MACHINAL Il existe une catégorie de gestes quotidiens, si petits qu'on les remarque à peine, mais qui présentent la particularité de se retrouver chez l'humanité entière. Comme les tics, ce sont des gestes inutiles mais qu'on ne peut se reteni...
Il existe une catégorie de gestes quotidiens, si petits qu'on les remarque à peine, mais qui présentent la particularité de se retrouver chez l'humanité entière. Comme les tics, ce sont des gestes inutiles mais qu'on ne peut se retenir défaire, et tellement insignifiants que ça serait idiot de s'en priver. Observons l'homo sapiens sapiens pendant qu'il ne nous regarde pas.
Crever
La plupart du temps, ces gestes sont associés à un objet, une matière, ou une situation précise.

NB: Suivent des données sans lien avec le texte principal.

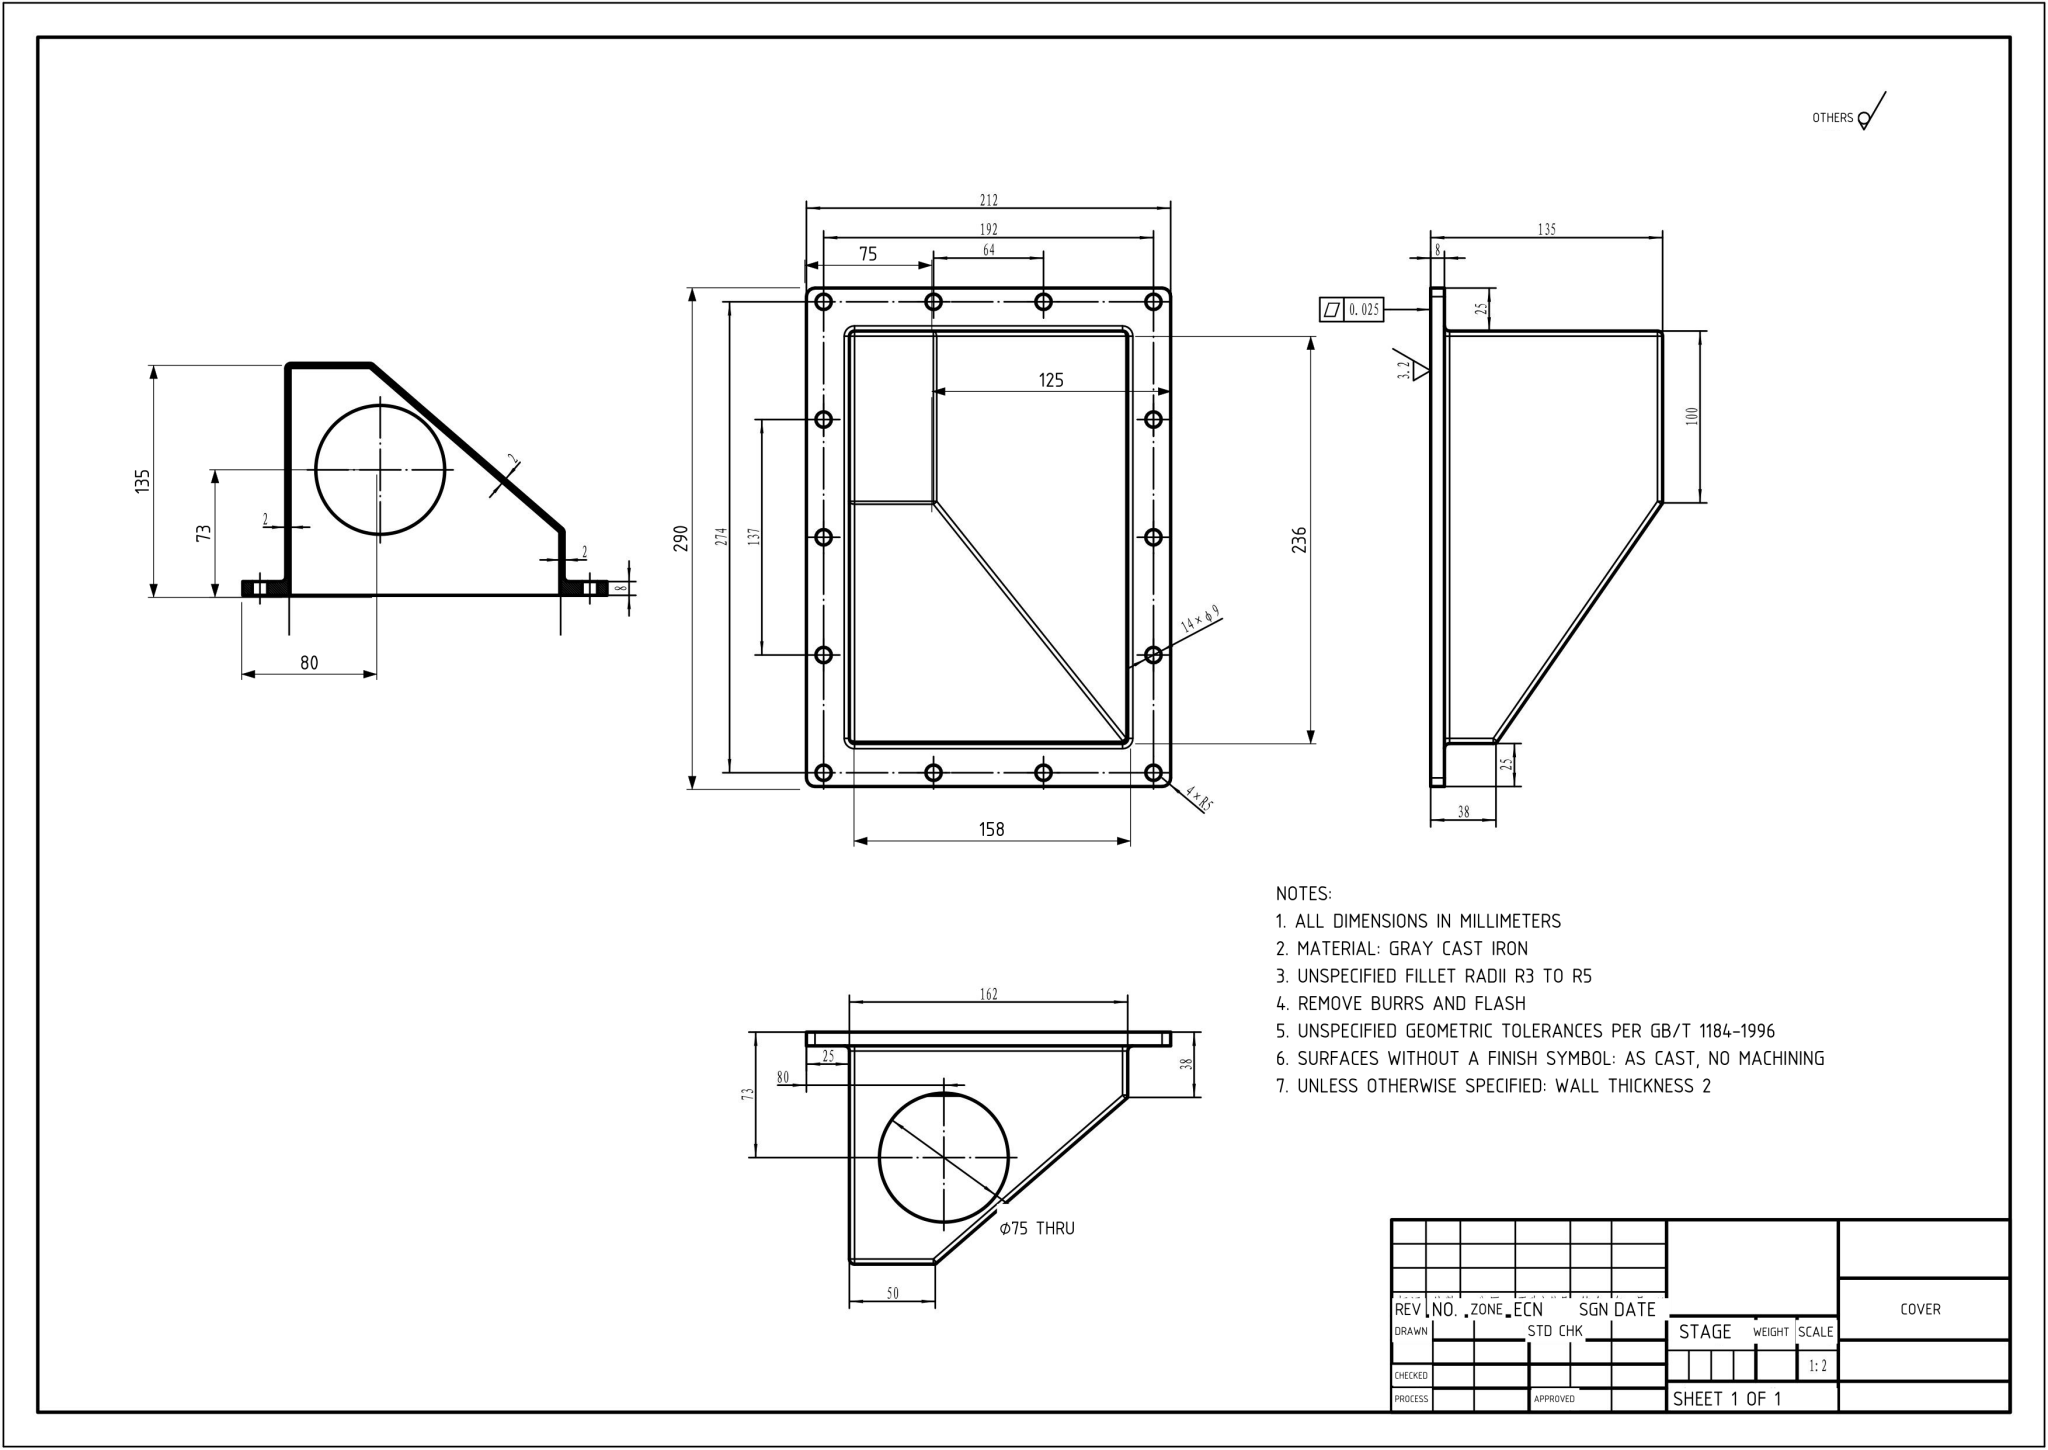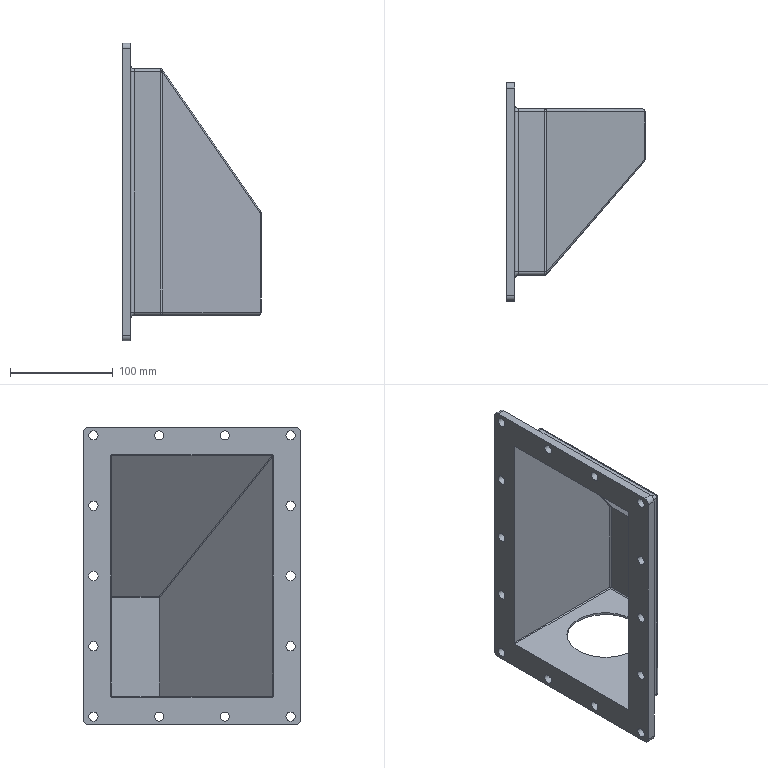Part | NX | mm | 1 solid | 91 faces | box 135 x 212 x 290 mm | volume 371782 mm3 | cylinder 51 | plane 20 | sphere 16 | torus 4 | commonest cylinder face diameters 6 x18 2 x14 9 x14 10 x4 75 x1

Exemple : dans les objets industriels récents qui se sont répandus sur la planète, vous avez ces emballages anti-chocs transparent composés de bulles d'air enfermées dans des sphères de plastique souple. Vous trouvez ce produit d'emballage sur tous les continents, de l'Europe à l'Antarctique. Eh bien, sur tous les continents, de l'Europe à l'Antarctique, les homos sapiens, aux mains désoeuvrées, mis en présence de cette matière, ne peuvent s'empêcher de la saisir et d'en crever quelques bulles, c'est incoercible. À 95%, ce geste est machinal, c'est-à-dire qu'il est à peine conscient, qu'on l'exécute en pensant à autre chose, en parlant ou en regardant la télé, mais vous trouvez des personnes chez qui la pulsion d'éclater les bulles en plastique devient un plaisir, une vraie drogue, qu'elles recherchent avec une intention consciente. Elles sautent sur le moindre bout d'emballage à bulles qui traîne, en crèvent les alvéoles avec une attention méthodique et ne le lâchent que lorsque toutes les bulles sont crevées, clac clac clac, si le bout d'emballage mesure deux mètres carrés, on est tranquilles pour un moment.